While some may see Kim Jong-un as ill equipped to broker deals on the world stage, nothing could be further from the truth. Hamish McDonald reports.

- HAMISH McDONALD is The Saturday Paper’s world editor.

There may still be some who think that when and if Donald Trump meets Kim Jong-un in Singapore just over two weeks from now, there will be two impulsive and ill-informed people in the room.

Nothing could be further from the truth, say North Korea experts. Despite being half Trump’s age, Kim will be master of the subject under discussion. Trump, according to reports out of Washington, has so far refused the kind of detailed briefings given to Bill Clinton and George Bush during two previous crises over North Korea’s nuclear ambitions.

“Kim will be the adult in the room, no question,” says Adrian Buzo, Macquarie University specialist, author of a standard text on North Korea’s regime, The

Guerilla Dynasty, and once a diplomat in Australia’s short-lived Whitlam-era embassy in Pyongyang. “He will know what he is dealing with when he goes into the room, and he’ll know what to expect.”

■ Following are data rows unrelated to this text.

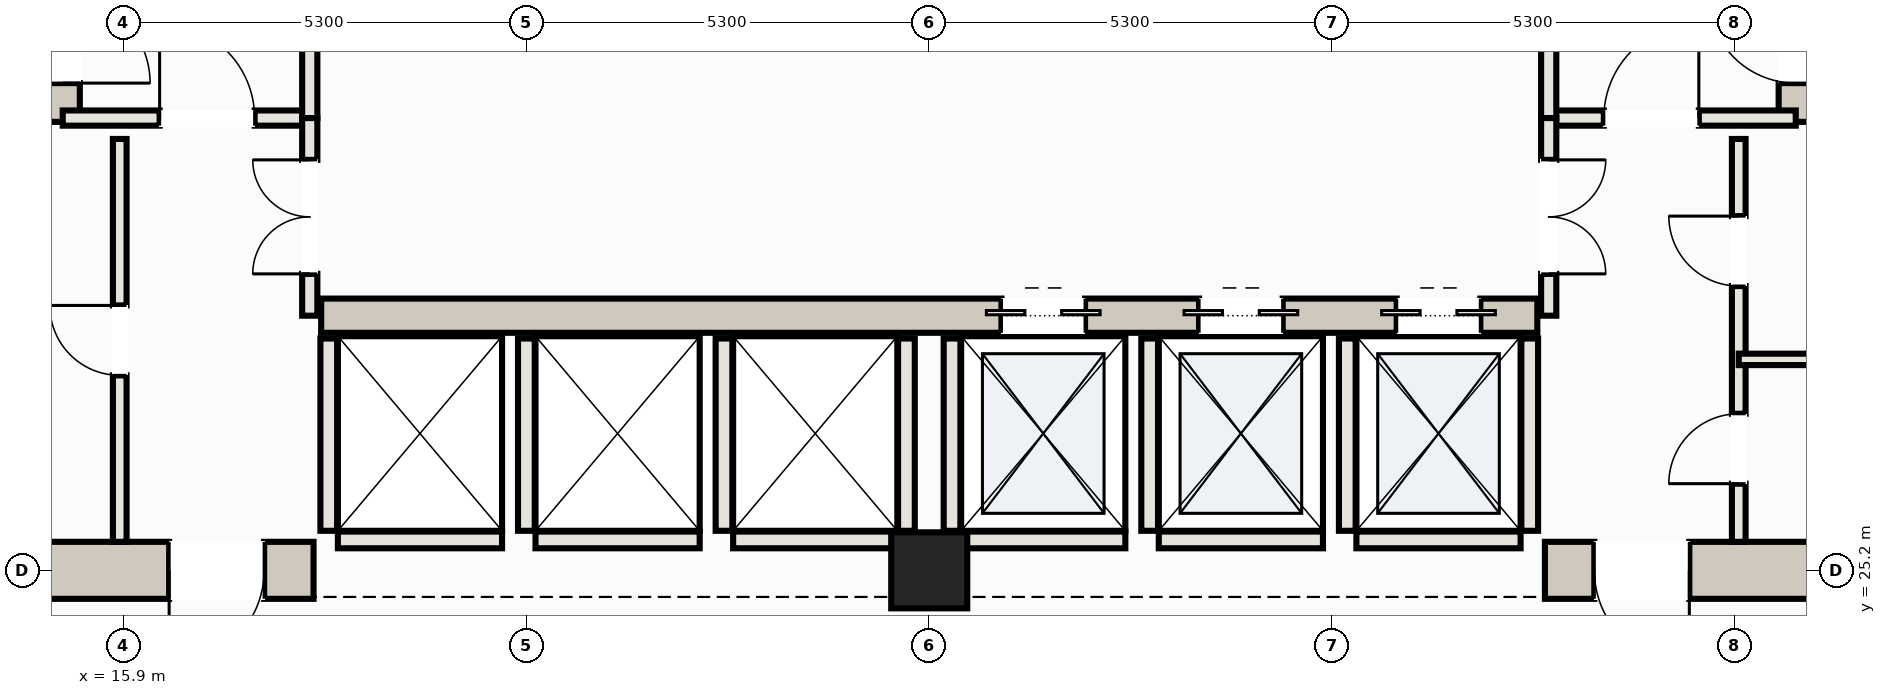
"""IFC4 building model, lengths in metres.
Left out: names, types, materials, properties, quantities, classifications, styles, units other than length and angle.
Written with IfcOpenShell. Run it as: python <this file> out.ifc"""

import sys

from ifc_helpers import new_model, si_unit, direction, frame, frame_2d, origin, origin_2d, place, context, subcontext, project, spatial, rectangle, hollow_rectangle, extrude, element, fill, save


model = new_model("IFC4")
c1 = context("Model", 3, precision=1e-05, world=origin(), true_north=direction((0.0, 1.0)))
c2 = subcontext(c1, "Body", "Model", "MODEL_VIEW")
j1 = project(units=[si_unit("LENGTHUNIT", "METRE"), si_unit("PLANEANGLEUNIT", "RADIAN")], contexts=[c1])
p1 = place(None, origin())
s1 = spatial("IfcSite", under=j1, at=p1, CompositionType="ELEMENT")
p2 = place(p1, origin())
s2 = spatial("IfcBuilding", under=s1, at=p2, CompositionType="ELEMENT")
p3 = place(p2, frame((0.0, 0.0, 81.7)))
s3 = spatial("IfcBuildingStorey", under=s2, at=p3, CompositionType="ELEMENT", Elevation=81.7)
p4 = place(p3, frame((10.225, 25.2, 0.0), z_axis=(0.0, 0.0, 1.0), x_axis=(1.0, 0.0, 0.0)))
e1 = element("IfcWall", 1, at=p4, inside=s3, PredefinedType="SHEAR", context=c2, shape_type="SweptSolid", body=[
    extrude(rectangle(XDim=8.175, YDim=0.75, at=frame_2d((4.087, 0.0))), origin(), (0.0, 0.0, 1.0), 3.09),
])
p5 = place(p4, frame((6.275, 0.0, 0.0)))
e2 = element("IfcOpeningElement", 2, at=p5, cuts=e1, PredefinedType="OPENING", context=c2, shape_type="SweptSolid", body=[
    extrude(rectangle(XDim=1.25, YDim=2.2, at=frame_2d((0.625, 1.1))), frame((0.0, 0.385, 0.0), z_axis=(0.0, -1.0, 0.0), x_axis=(1.0, 0.0, 0.0)), (0.0, 0.0, 1.0), 0.77),
])
p6 = place(p3, frame((34.6, 25.2, 0.0), z_axis=(0.0, 0.0, 1.0), x_axis=(1.0, 0.0, 0.0)))
e3 = element("IfcWall", 3, at=p6, inside=s3, PredefinedType="SHEAR", context=c2, shape_type="SweptSolid", body=[
    extrude(rectangle(XDim=8.175, YDim=0.75, at=frame_2d((4.087, 0.0))), origin(), (0.0, 0.0, 1.0), 3.09),
])
p7 = place(p6, frame((0.65, 0.0, 0.0)))
e4 = element("IfcOpeningElement", 4, at=p7, cuts=e3, PredefinedType="OPENING", context=c2, shape_type="SweptSolid", body=[
    extrude(rectangle(XDim=1.25, YDim=2.2, at=frame_2d((0.625, 1.1))), frame((0.0, 0.385, 0.0), z_axis=(0.0, -1.0, 0.0), x_axis=(1.0, 0.0, 0.0)), (0.0, 0.0, 1.0), 0.77),
])
p8 = place(p3, frame((15.1, 31.1, 0.0), z_axis=(0.0, 0.0, 1.0), x_axis=(0.0, 1.0, 0.0)))
e5 = element("IfcWall", 5, at=p8, inside=s3, PredefinedType="SHEAR", context=c2, shape_type="SweptSolid", body=[
    extrude(rectangle(XDim=8.525, YDim=0.45, at=frame_2d((4.262, 0.0))), origin(), (0.0, 0.0, 1.0), 3.09),
])
p9 = place(p8, frame((0.51, 0.0, 0.0)))
e6 = element("IfcOpeningElement", 6, at=p9, cuts=e5, PredefinedType="OPENING", context=c2, shape_type="SweptSolid", body=[
    extrude(rectangle(XDim=1.15, YDim=2.2, at=frame_2d((0.575, 1.1))), frame((0.0, 0.235, 0.0), z_axis=(0.0, -1.0, 0.0), x_axis=(1.0, 0.0, 0.0)), (0.0, 0.0, 1.0), 0.47),
])
p10 = place(p3, frame((37.9, 31.1, 0.0), z_axis=(0.0, 0.0, 1.0), x_axis=(0.0, 1.0, 0.0)))
e7 = element("IfcWall", 7, at=p10, inside=s3, PredefinedType="SHEAR", context=c2, shape_type="SweptSolid", body=[
    extrude(rectangle(XDim=8.525, YDim=0.45, at=frame_2d((4.262, 0.0))), origin(), (0.0, 0.0, 1.0), 3.09),
])
p11 = place(p10, frame((0.51, 0.0, 0.0)))
e8 = element("IfcOpeningElement", 8, at=p11, cuts=e7, PredefinedType="OPENING", context=c2, shape_type="SweptSolid", body=[
    extrude(rectangle(XDim=1.15, YDim=2.2, at=frame_2d((0.575, 1.1))), frame((0.0, 0.235, 0.0), z_axis=(0.0, -1.0, 0.0), x_axis=(1.0, 0.0, 0.0)), (0.0, 0.0, 1.0), 0.47),
])
p12 = place(p3, frame((18.5, 28.55, 0.0), z_axis=(0.0, 0.0, 1.0), x_axis=(1.0, 0.0, 0.0)))
e9 = element("IfcWall", 9, at=p12, inside=s3, PredefinedType="SHEAR", context=c2, shape_type="SweptSolid", body=[
    extrude(rectangle(XDim=16.0, YDim=0.45, at=frame_2d((8.0, 0.0))), origin(), (0.0, 0.0, 1.0), 3.09),
])
p13 = place(p12, frame((8.95, 0.0, 0.0)))
e10 = element("IfcOpeningElement", 10, at=p13, cuts=e9, PredefinedType="OPENING", context=c2, shape_type="SweptSolid", body=[
    extrude(rectangle(XDim=1.1, YDim=2.15, at=frame_2d((0.55, 1.075))), frame((0.0, 0.235, 0.0), z_axis=(0.0, -1.0, 0.0), x_axis=(1.0, 0.0, 0.0)), (0.0, 0.0, 1.0), 0.47),
])
p14 = place(p12, frame((11.55, 0.0, 0.0)))
e11 = element("IfcOpeningElement", 11, at=p14, cuts=e9, PredefinedType="OPENING", context=c2, shape_type="SweptSolid", body=[
    extrude(rectangle(XDim=1.1, YDim=2.15, at=frame_2d((0.55, 1.075))), frame((0.0, 0.235, 0.0), z_axis=(0.0, -1.0, 0.0), x_axis=(1.0, 0.0, 0.0)), (0.0, 0.0, 1.0), 0.47),
])
p15 = place(p12, frame((14.15, 0.0, 0.0)))
e12 = element("IfcOpeningElement", 12, at=p15, cuts=e9, PredefinedType="OPENING", context=c2, shape_type="SweptSolid", body=[
    extrude(rectangle(XDim=1.1, YDim=2.15, at=frame_2d((0.55, 1.075))), frame((0.0, 0.235, 0.0), z_axis=(0.0, -1.0, 0.0), x_axis=(1.0, 0.0, 0.0)), (0.0, 0.0, 1.0), 0.47),
])
p16 = place(p3, frame((26.5, 25.2, 0.0), z_axis=(0.0, 0.0, 1.0), x_axis=(1.0, 0.0, 0.0)))
e13 = element("IfcColumn", 13, at=p16, inside=s3, PredefinedType="COLUMN", context=c2, shape_type="SweptSolid", body=[
    extrude(hollow_rectangle(XDim=1.0, YDim=1.0, WallThickness=0.036, at=origin_2d()), origin(), (0.0, 0.0, 1.0), 3.3),
])
p17 = place(p3, frame((18.6, 25.72, 0.0), z_axis=(0.0, 0.0, 1.0), x_axis=(0.0, 1.0, 0.0)))
e14 = element("IfcWall", 14, at=p17, inside=s3, PredefinedType="SOLIDWALL", context=c2, shape_type="SweptSolid", body=[
    extrude(rectangle(XDim=2.53, YDim=0.22, at=frame_2d((1.265, 0.0))), origin(), (0.0, 0.0, 1.0), 3.09),
])
p18 = place(p3, frame((18.72, 25.6, 0.0), z_axis=(0.0, 0.0, 1.0), x_axis=(1.0, 0.0, 0.0)))
e15 = element("IfcWall", 15, at=p18, inside=s3, PredefinedType="SOLIDWALL", context=c2, shape_type="SweptSolid", body=[
    extrude(rectangle(XDim=2.16, YDim=0.22, at=frame_2d((1.08, 0.0))), origin(), (0.0, 0.0, 1.0), 3.09),
])
p19 = place(p3, frame((21.2, 25.72, 0.0), z_axis=(0.0, 0.0, 1.0), x_axis=(0.0, 1.0, 0.0)))
e16 = element("IfcWall", 16, at=p19, inside=s3, PredefinedType="SOLIDWALL", context=c2, shape_type="SweptSolid", body=[
    extrude(rectangle(XDim=2.53, YDim=0.22, at=frame_2d((1.265, 0.0))), origin(), (0.0, 0.0, 1.0), 3.09),
])
p20 = place(p3, frame((21.32, 25.6, 0.0), z_axis=(0.0, 0.0, 1.0), x_axis=(1.0, 0.0, 0.0)))
e17 = element("IfcWall", 17, at=p20, inside=s3, PredefinedType="SOLIDWALL", context=c2, shape_type="SweptSolid", body=[
    extrude(rectangle(XDim=2.16, YDim=0.22, at=frame_2d((1.08, 0.0))), origin(), (0.0, 0.0, 1.0), 3.09),
])
for number, where, z_axis, x_axis in (
    (18, (23.8, 25.72, 0.0), (0.0, 0.0, 1.0), (0.0, 1.0, 0.0)),
    (19, (26.2, 25.72, 0.0), (0.0, 0.0, 1.0), (0.0, 1.0, 0.0)),
):
    element("IfcWall", number, at=place(p3, frame(where, z_axis=z_axis, x_axis=x_axis)), inside=s3, PredefinedType="SOLIDWALL", context=c2, shape_type="SweptSolid", body=[
        extrude(rectangle(XDim=2.53, YDim=0.22, at=frame_2d((1.265, 0.0))), origin(), (0.0, 0.0, 1.0), 3.09),
    ])
p21 = place(p3, frame((23.92, 25.6, 0.0), z_axis=(0.0, 0.0, 1.0), x_axis=(1.0, 0.0, 0.0)))
e20 = element("IfcWall", 20, at=p21, inside=s3, PredefinedType="SOLIDWALL", context=c2, shape_type="SweptSolid", body=[
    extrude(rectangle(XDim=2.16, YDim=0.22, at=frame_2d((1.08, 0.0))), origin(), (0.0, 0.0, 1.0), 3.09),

“No one in North Korea is better informed about the outside world, including politics in Washington, than Kim Jong-un,” adds Shim Jae Hoon, a veteran journalist in Seoul. “He has BBC, CNN, NHK and other internatio­nal TV channels installed in his office, and an Associated Press ticker to check internatio­nal news around the clock. That allows him to play South Korean President Moon Jae-in, and maybe Trump.”

Until this year, Kim was a remote figure to the outside world, seen on podiums reviewing military parades or cheering missile launches and bomb tests with white-coated scientists. Suddenly at New Year, he switched to affable, pausing weapons tests, sending his sister Kim Yo-jong with a team to the Winter Olympics in South Korea, offering to meet Trump, and crossing the demilitari­sed zone to meet Moon.

Trump, having promptly accepted Kim’s invitation against the advice of his senior foreign policy staff and then sacked most of them, is now struggling to formulate a coherent negotiatin­g position with his new advisers. Even he is starting to wonder if he was too rash, according to reports this week.

Kim, by contrast, knows what he wants. Even the meeting with a sitting US president would be a gain in recognitio­n. Buzo thinks the next aim is consolidat­ing North Korea’s advances made since he succeeded his late father, Kim Jong-il, in late 2011. “They got nuclear capability,” Buzo said. “The trick now is to keep it.” His two recent meetings with China’s Xi Jinping, the first since taking power, show Kim thinks he is up to it.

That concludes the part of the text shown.